Fall Student Projects 2021: Skills Tests
---
 Task 3 -> Retrieve CellxGene Data

---
by Aashay Gondalia (aagond@iu.edu)


In this workbook, I have implemented a data fetching function that can scrap the cellxgene website data, download
and read the datasets from all the different collections in the required format mentioned in the [google doc](https://docs.google.com/document/d/1YncjOGbgKKRJw2M0fPt5bZqdCgm9EbwyTR9DoJmZtBs/edit#). 

A table is prepared after inputting the required information from all the incoming data. 

For future work, this task can be parallelized and the RAM usage can be maintained using lazy reads ([Dask](https://dask.org/)).
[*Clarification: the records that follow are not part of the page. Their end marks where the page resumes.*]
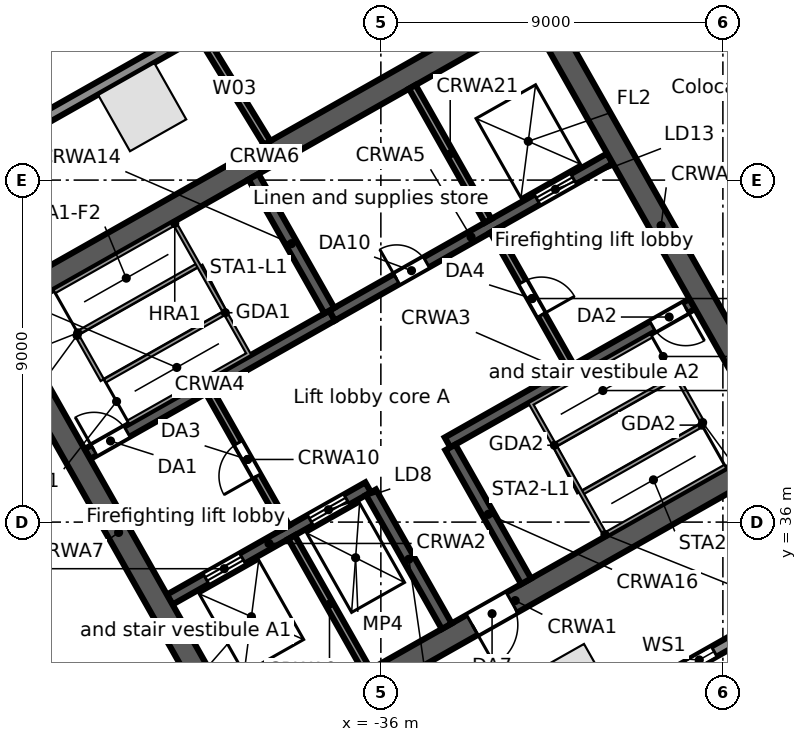
"""IFC4 building model, lengths in metres.
Left out: names, types, materials, properties, quantities, classifications, styles, units other than length and angle.
Written with IfcOpenShell. Run it as: python <this file> out.ifc"""

import sys

from ifc_helpers import new_model, si_unit, direction, frame, frame_2d, origin, origin_2d, place, context, subcontext, project, spatial, rectangle, extrude, element, fill, save


model = new_model("IFC4")
c1 = context("Model", 3, precision=1e-05, world=origin(), true_north=direction((0.0, 1.0)))
c2 = subcontext(c1, "Body", "Model", "MODEL_VIEW")
j1 = project(units=[si_unit("LENGTHUNIT", "METRE"), si_unit("PLANEANGLEUNIT", "RADIAN")], contexts=[c1])
p1 = place(None, origin())
s1 = spatial("IfcSite", under=j1, at=p1, CompositionType="ELEMENT")
p2 = place(p1, origin())
s2 = spatial("IfcBuilding", under=s1, at=p2, CompositionType="ELEMENT")
p3 = place(p2, frame((0.0, 0.0, 31.5)))
s3 = spatial("IfcBuildingStorey", under=s2, at=p3, CompositionType="ELEMENT", Elevation=31.5)
for number, where, z_axis, x_axis in (
    (1, (-42.28, 46.919, 0.0), (0.0, 0.0, 1.0), (-0.87, -0.492, 0.0)),
    (2, (-30.976, 31.635, 0.0), (0.0, 0.0, 1.0), (0.87, 0.492, 0.0)),
):
    element("IfcColumn", number, at=place(p3, frame(where, z_axis=z_axis, x_axis=x_axis)), inside=s3, PredefinedType="COLUMN", context=c2, shape_type="SweptSolid", body=[
        extrude(rectangle(XDim=1.7, YDim=1.7, at=origin_2d()), origin(), (0.0, 0.0, 1.0), 5.0),
    ])
p4 = place(p3, frame((-58.745, 38.764, 0.0), z_axis=(0.0, 0.0, 1.0), x_axis=(0.870355811726, 0.492423355453, 0.0)))
e3 = element("IfcWall", 3, at=p4, inside=s3, PredefinedType="STANDARD", context=c2, shape_type="SweptSolid", body=[
    extrude(rectangle(XDim=64.025, YDim=0.3, at=frame_2d((32.013, 0.0))), origin(), (0.0, 0.0, 1.0), 4.68),
])
p5 = place(p4, frame((60.122, 0.0, 0.6)))
e4 = element("IfcOpeningElement", 4, at=p5, cuts=e3, PredefinedType="OPENING", context=c2, shape_type="SweptSolid", body=[
    extrude(rectangle(XDim=0.9, YDim=3.2, at=frame_2d((0.45, 1.6))), frame((0.0, 0.16, 0.0), z_axis=(0.0, -1.0, 0.0), x_axis=(1.0, 0.0, 0.0)), (0.0, 0.0, 1.0), 0.32),
])
p6 = place(p4, frame((50.992, 0.0, 0.6)))
e5 = element("IfcOpeningElement", 5, at=p6, cuts=e3, PredefinedType="OPENING", context=c2, shape_type="SweptSolid", body=[
    extrude(rectangle(XDim=0.9, YDim=3.2, at=frame_2d((0.45, 1.6))), frame((0.0, 0.16, 0.0), z_axis=(0.0, -1.0, 0.0), x_axis=(1.0, 0.0, 0.0)), (0.0, 0.0, 1.0), 0.32),
])
p7 = place(p4, frame((41.862, 0.0, 0.6)))
e6 = element("IfcOpeningElement", 6, at=p7, cuts=e3, PredefinedType="OPENING", context=c2, shape_type="SweptSolid", body=[
    extrude(rectangle(XDim=0.9, YDim=3.2, at=frame_2d((0.45, 1.6))), frame((0.0, 0.16, 0.0), z_axis=(0.0, -1.0, 0.0), x_axis=(1.0, 0.0, 0.0)), (0.0, 0.0, 1.0), 0.32),
])
p8 = place(p4, frame((32.732, 0.0, 0.6)))
e7 = element("IfcOpeningElement", 7, at=p8, cuts=e3, PredefinedType="OPENING", context=c2, shape_type="SweptSolid", body=[
    extrude(rectangle(XDim=0.9, YDim=3.2, at=frame_2d((0.45, 1.6))), frame((0.0, 0.16, 0.0), z_axis=(0.0, -1.0, 0.0), x_axis=(1.0, 0.0, 0.0)), (0.0, 0.0, 1.0), 0.32),
])
p9 = place(p4, frame((23.602, 0.0, 0.6)))
e8 = element("IfcOpeningElement", 8, at=p9, cuts=e3, PredefinedType="OPENING", context=c2, shape_type="SweptSolid", body=[
    extrude(rectangle(XDim=0.9, YDim=3.2, at=frame_2d((0.45, 1.6))), frame((0.0, 0.16, 0.0), z_axis=(0.0, -1.0, 0.0), x_axis=(1.0, 0.0, 0.0)), (0.0, 0.0, 1.0), 0.32),
])
p10 = place(p4, frame((14.472, 0.0, 0.6)))
e9 = element("IfcOpeningElement", 9, at=p10, cuts=e3, PredefinedType="OPENING", context=c2, shape_type="SweptSolid", body=[
    extrude(rectangle(XDim=0.9, YDim=3.2, at=frame_2d((0.45, 1.6))), frame((0.0, 0.16, 0.0), z_axis=(0.0, -1.0, 0.0), x_axis=(1.0, 0.0, 0.0)), (0.0, 0.0, 1.0), 0.32),
])
p11 = place(p4, frame((5.342, 0.0, 0.6)))
e10 = element("IfcOpeningElement", 10, at=p11, cuts=e3, PredefinedType="OPENING", context=c2, shape_type="SweptSolid", body=[
    extrude(rectangle(XDim=0.9, YDim=3.2, at=frame_2d((0.45, 1.6))), frame((0.0, 0.16, 0.0), z_axis=(0.0, -1.0, 0.0), x_axis=(1.0, 0.0, 0.0)), (0.0, 0.0, 1.0), 0.32),
])
p12 = place(p3, frame((-44.109, 26.504, 0.0), z_axis=(0.0, 0.0, 1.0), x_axis=(-0.857169502585, 0.515034410344, 0.0)))
e11 = element("IfcWall", 11, at=p12, inside=s3, PredefinedType="STANDARD", context=c2, shape_type="SweptSolid", body=[
    extrude(rectangle(XDim=17.127, YDim=0.3, at=frame_2d((8.563, 0.0))), origin(), (0.0, 0.0, 1.0), 4.68),
])
p13 = place(p12, frame((13.403, 0.0, 0.6)))
e12 = element("IfcOpeningElement", 12, at=p13, cuts=e11, PredefinedType="OPENING", context=c2, shape_type="SweptSolid", body=[
    extrude(rectangle(XDim=0.9, YDim=3.2, at=frame_2d((0.45, 1.6))), frame((0.0, 0.16, 0.0), z_axis=(0.0, -1.0, 0.0), x_axis=(1.0, 0.0, 0.0)), (0.0, 0.0, 1.0), 0.32),
])
p14 = place(p12, frame((4.903, 0.0, 0.6)))
e13 = element("IfcOpeningElement", 13, at=p14, cuts=e11, PredefinedType="OPENING", context=c2, shape_type="SweptSolid", body=[
    extrude(rectangle(XDim=0.9, YDim=3.2, at=frame_2d((0.45, 1.6))), frame((0.0, 0.16, 0.0), z_axis=(0.0, -1.0, 0.0), x_axis=(1.0, 0.0, 0.0)), (0.0, 0.0, 1.0), 0.32),
])
p15 = place(p3, frame((-0.055, 47.969, 0.0), z_axis=(0.0, 0.0, 1.0), x_axis=(-0.870355730478, -0.492423499058, 0.0)))
e14 = element("IfcWall", 14, at=p15, inside=s3, PredefinedType="STANDARD", context=c2, shape_type="SweptSolid", body=[
    extrude(rectangle(XDim=43.75, YDim=0.3, at=frame_2d((21.875, 0.0))), origin(), (0.0, 0.0, 1.0), 4.68),
])
p16 = place(p15, frame((39.977, 0.0, 0.6)))
e15 = element("IfcOpeningElement", 15, at=p16, cuts=e14, PredefinedType="OPENING", context=c2, shape_type="SweptSolid", body=[
    extrude(rectangle(XDim=0.9, YDim=3.2, at=frame_2d((0.45, 1.6))), frame((0.0, 0.16, 0.0), z_axis=(0.0, -1.0, 0.0), x_axis=(1.0, 0.0, 0.0)), (0.0, 0.0, 1.0), 0.32),
])
p17 = place(p15, frame((31.222, 0.0, 0.6)))
e16 = element("IfcOpeningElement", 16, at=p17, cuts=e14, PredefinedType="OPENING", context=c2, shape_type="SweptSolid", body=[
    extrude(rectangle(XDim=0.9, YDim=3.2, at=frame_2d((0.45, 1.6))), frame((0.0, 0.16, 0.0), z_axis=(0.0, -1.0, 0.0), x_axis=(1.0, 0.0, 0.0)), (0.0, 0.0, 1.0), 0.32),
])
p18 = place(p15, frame((22.468, 0.0, 0.6)))
e17 = element("IfcOpeningElement", 17, at=p18, cuts=e14, PredefinedType="OPENING", context=c2, shape_type="SweptSolid", body=[
    extrude(rectangle(XDim=0.9, YDim=3.2, at=frame_2d((0.45, 1.6))), frame((0.0, 0.16, 0.0), z_axis=(0.0, -1.0, 0.0), x_axis=(1.0, 0.0, 0.0)), (0.0, 0.0, 1.0), 0.32),
])
p19 = place(p15, frame((13.713, 0.0, 0.6)))
e18 = element("IfcOpeningElement", 18, at=p19, cuts=e14, PredefinedType="OPENING", context=c2, shape_type="SweptSolid", body=[
    extrude(rectangle(XDim=0.9, YDim=3.2, at=frame_2d((0.45, 1.6))), frame((0.0, 0.16, 0.0), z_axis=(0.0, -1.0, 0.0), x_axis=(1.0, 0.0, 0.0)), (0.0, 0.0, 1.0), 0.32),
])
p20 = place(p15, frame((4.959, 0.0, 0.6)))
e19 = element("IfcOpeningElement", 19, at=p20, cuts=e14, PredefinedType="OPENING", context=c2, shape_type="SweptSolid", body=[
    extrude(rectangle(XDim=0.9, YDim=3.2, at=frame_2d((0.45, 1.6))), frame((0.0, 0.16, 0.0), z_axis=(0.0, -1.0, 0.0), x_axis=(1.0, 0.0, 0.0)), (0.0, 0.0, 1.0), 0.32),
])
p21 = place(p3, frame((-39.862, 29.749, 0.0), z_axis=(0.0, 0.0, 1.0), x_axis=(0.870350116061, 0.492433422375, 0.0)))
e20 = element("IfcWall", 20, at=p21, inside=s3, PredefinedType="SOLIDWALL", context=c2, shape_type="SweptSolid", body=[
    extrude(rectangle(XDim=17.0, YDim=0.6, at=frame_2d((8.5, 0.0))), origin(), (0.0, 0.0, 1.0), 4.68),
])
p22 = place(p21, frame((7.2, 0.0, 0.0)))
e21 = element("IfcOpeningElement", 21, at=p22, cuts=e20, PredefinedType="OPENING", context=c2, shape_type="SweptSolid", body=[
    extrude(rectangle(XDim=1.2, YDim=2.1, at=frame_2d((0.6, 1.05))), frame((0.0, 0.31, 0.0), z_axis=(0.0, -1.0, 0.0), x_axis=(1.0, 0.0, 0.0)), (0.0, 0.0, 1.0), 0.62),
])
p23 = place(p3, frame((-41.556, 33.961, 0.0), z_axis=(0.0, 0.0, 1.0), x_axis=(0.870343731308, 0.492444706919, 0.0)))
e22 = element("IfcWall", 22, at=p23, inside=s3, PredefinedType="SOLIDWALL", context=c2, shape_type="SweptSolid", body=[
    extrude(rectangle(XDim=6.0, YDim=0.3, at=frame_2d((3.0, 0.0))), origin(), (0.0, 0.0, 1.0), 4.68),
])
p24 = place(p23, frame((1.1, 0.0, 0.0)))
e23 = element("IfcOpeningElement", 23, at=p24, cuts=e22, PredefinedType="OPENING", context=c2, shape_type="SweptSolid", body=[
    extrude(rectangle(XDim=1.1, YDim=2.1, at=frame_2d((0.55, 1.05))), frame((0.0, 0.16, 0.0), z_axis=(0.0, -1.0, 0.0), x_axis=(1.0, 0.0, 0.0)), (0.0, 0.0, 1.0), 0.32),
])
p25 = place(p23, frame((4.25, 0.0, 0.0)))
e24 = element("IfcOpeningElement", 24, at=p25, cuts=e22, PredefinedType="OPENING", context=c2, shape_type="SweptSolid", body=[
    extrude(rectangle(XDim=1.1, YDim=2.1, at=frame_2d((0.55, 1.05))), frame((0.0, 0.16, 0.0), z_axis=(0.0, -1.0, 0.0), x_axis=(1.0, 0.0, 0.0)), (0.0, 0.0, 1.0), 0.32),
])
p26 = place(p3, frame((-34.245, 38.097, 0.0), z_axis=(0.0, 0.0, 1.0), x_axis=(0.870364910201, 0.492407273597, 0.0)))
e25 = element("IfcWall", 25, at=p26, inside=s3, PredefinedType="SOLIDWALL", context=c2, shape_type="SweptSolid", body=[
    extrude(rectangle(XDim=7.4, YDim=0.3, at=frame_2d((3.7, 0.0))), origin(), (0.0, 0.0, 1.0), 4.68),
])
p27 = place(p26, frame((6.2, 0.0, 0.0)))
e26 = element("IfcOpeningElement", 26, at=p27, cuts=e25, PredefinedType="OPENING", context=c2, shape_type="SweptSolid", body=[
    extrude(rectangle(XDim=1.0, YDim=2.1, at=frame_2d((0.5, 1.05))), frame((0.0, 0.16, 0.0), z_axis=(0.0, -1.0, 0.0), x_axis=(1.0, 0.0, 0.0)), (0.0, 0.0, 1.0), 0.32),
])
p28 = place(p3, frame((-43.723, 37.791, 0.0), z_axis=(0.0, 0.0, 1.0), x_axis=(0.87035077051, 0.49243226567, 0.0)))
e27 = element("IfcWall", 27, at=p28, inside=s3, PredefinedType="SOLIDWALL", context=c2, shape_type="SweptSolid", body=[
    extrude(rectangle(XDim=7.4, YDim=0.3, at=frame_2d((3.7, 0.0))), origin(), (0.0, 0.0, 1.0), 4.68),
])
p29 = place(p28, frame((0.2, 0.0, 0.0)))
e28 = element("IfcOpeningElement", 28, at=p29, cuts=e27, PredefinedType="OPENING", context=c2, shape_type="SweptSolid", body=[
    extrude(rectangle(XDim=1.0, YDim=2.1, at=frame_2d((0.5, 1.05))), frame((0.0, 0.16, 0.0), z_axis=(0.0, -1.0, 0.0), x_axis=(1.0, 0.0, 0.0)), (0.0, 0.0, 1.0), 0.32),
])
p30 = place(p3, frame((-37.282, 41.435, 0.0), z_axis=(0.0, 0.0, 1.0), x_axis=(0.870356516133, 0.492422110414, 0.0)))
e29 = element("IfcWall", 29, at=p30, inside=s3, PredefinedType="SOLIDWALL", context=c2, shape_type="SweptSolid", body=[
    extrude(rectangle(XDim=8.4, YDim=0.3, at=frame_2d((4.2, 0.0))), origin(), (0.0, 0.0, 1.0), 4.68),
])
p31 = place(p30, frame((6.2, 0.0, 0.0)))
e30 = element("IfcOpeningElement", 30, at=p31, cuts=e29, PredefinedType="OPENING", context=c2, shape_type="SweptSolid", body=[
    extrude(rectangle(XDim=1.1, YDim=2.1, at=frame_2d((0.55, 1.05))), frame((0.0, 0.16, 0.0), z_axis=(0.0, -1.0, 0.0), x_axis=(1.0, 0.0, 0.0)), (0.0, 0.0, 1.0), 0.32),
])
p32 = place(p30, frame((1.95, 0.0, 0.0)))
e31 = element("IfcOpeningElement", 31, at=p32, cuts=e29, PredefinedType="OPENING", context=c2, shape_type="SweptSolid", body=[
    extrude(rectangle(XDim=0.9, YDim=2.1, at=frame_2d((0.45, 1.05))), frame((0.0, 0.16, 0.0), z_axis=(0.0, -1.0, 0.0), x_axis=(1.0, 0.0, 0.0)), (0.0, 0.0, 1.0), 0.32),
])
p33 = place(p3, frame((-46.461, 41.412, 0.0), z_axis=(0.0, 0.0, 1.0), x_axis=(0.870350116061, 0.492433422375, 0.0)))
e32 = element("IfcWall", 32, at=p33, inside=s3, PredefinedType="SOLIDWALL", context=c2, shape_type="SweptSolid", body=[
    extrude(rectangle(XDim=17.0, YDim=0.6, at=frame_2d((8.5, 0.0))), origin(), (0.0, 0.0, 1.0), 4.68),
])
p34 = place(p3, frame((-46.052, 41.298, 0.0), z_axis=(0.0, 0.0, 1.0), x_axis=(0.492418598281, -0.870358503186, 0.0)))
e33 = element("IfcWall", 33, at=p34, inside=s3, PredefinedType="SOLIDWALL", context=c2, shape_type="SweptSolid", body=[
    extrude(rectangle(XDim=12.8, YDim=0.6, at=frame_2d((6.4, 0.0))), origin(), (0.0, 0.0, 1.0), 4.68),
])
p35 = place(p3, frame((-38.349, 35.603, 0.0), z_axis=(0.0, 0.0, 1.0), x_axis=(0.49241474071, -0.870360685654, 0.0)))
e34 = element("IfcWall", 34, at=p35, inside=s3, PredefinedType="SOLIDWALL", context=c2, shape_type="SweptSolid", body=[
    extrude(rectangle(XDim=4.05, YDim=0.2, at=frame_2d((2.025, 0.0))), origin(), (0.0, 0.0, 1.0), 4.68),
])
p36 = place(p3, frame((-40.516, 39.433, 0.0), z_axis=(0.0, 0.0, 1.0), x_axis=(0.492453559952, -0.87033872216, 0.0)))
e35 = element("IfcWall", 35, at=p36, inside=s3, PredefinedType="PARTITIONING", context=c2, shape_type="SweptSolid", body=[
    extrude(rectangle(XDim=4.1, YDim=0.2, at=frame_2d((2.05, 0.0))), origin(), (0.0, 0.0, 1.0), 4.68),
])
p37 = place(p36, frame((1.55, 0.0, 0.0)))
e36 = element("IfcOpeningElement", 36, at=p37, cuts=e35, PredefinedType="OPENING", context=c2, shape_type="SweptSolid", body=[
    extrude(rectangle(XDim=1.0, YDim=2.1, at=frame_2d((0.5, 1.05))), frame((0.0, 0.11, 0.0), z_axis=(0.0, -1.0, 0.0), x_axis=(1.0, 0.0, 0.0)), (0.0, 0.0, 1.0), 0.22),
])
p38 = place(p3, frame((-36.26, 36.785, 0.0), z_axis=(0.0, 0.0, 1.0), x_axis=(0.492440575896, -0.870346068648, 0.0)))
e37 = element("IfcWall", 37, at=p38, inside=s3, PredefinedType="SOLIDWALL", context=c2, shape_type="SweptSolid", body=[
    extrude(rectangle(XDim=4.05, YDim=0.3, at=frame_2d((2.025, 0.0))), origin(), (0.0, 0.0, 1.0), 4.68),
])
p39 = place(p3, frame((-39.35, 45.09, 0.0), z_axis=(0.0, 0.0, 1.0), x_axis=(0.49241474071, -0.870360685654, 0.0)))
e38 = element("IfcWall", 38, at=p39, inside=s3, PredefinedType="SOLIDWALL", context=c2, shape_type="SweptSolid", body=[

Installing required packages

---


 -> Scanpy

 Scanpy is used in this workbook to read the h5 format datasets.

In [1]:
!pip install scanpy



1. Importing necessary packages


In [2]:
import datetime

import requests
from requests.adapters import HTTPAdapter
import json

import numpy as np
import pandas as pd
import scanpy as sc
import os

2. Function to Fetch Collection Data from the https://cellxgene.cziscience.com/ website

In [3]:
def fetchCollectionData():
  ## HTTP Adapter Setup
  adapter = HTTPAdapter(max_retries=3)  #Hard-coded 3 Max Retries
  https = requests.Session()
  https.mount("https://", adapter)

  ## URL Elements
  CELLXGENE_PRODUCTION_ENDPOINT = 'https://api.cellxgene.cziscience.com'
  COLLECTIONS = CELLXGENE_PRODUCTION_ENDPOINT + "/dp/v1/collections/"
  DATASETS = CELLXGENE_PRODUCTION_ENDPOINT + "/dp/v1/datasets/"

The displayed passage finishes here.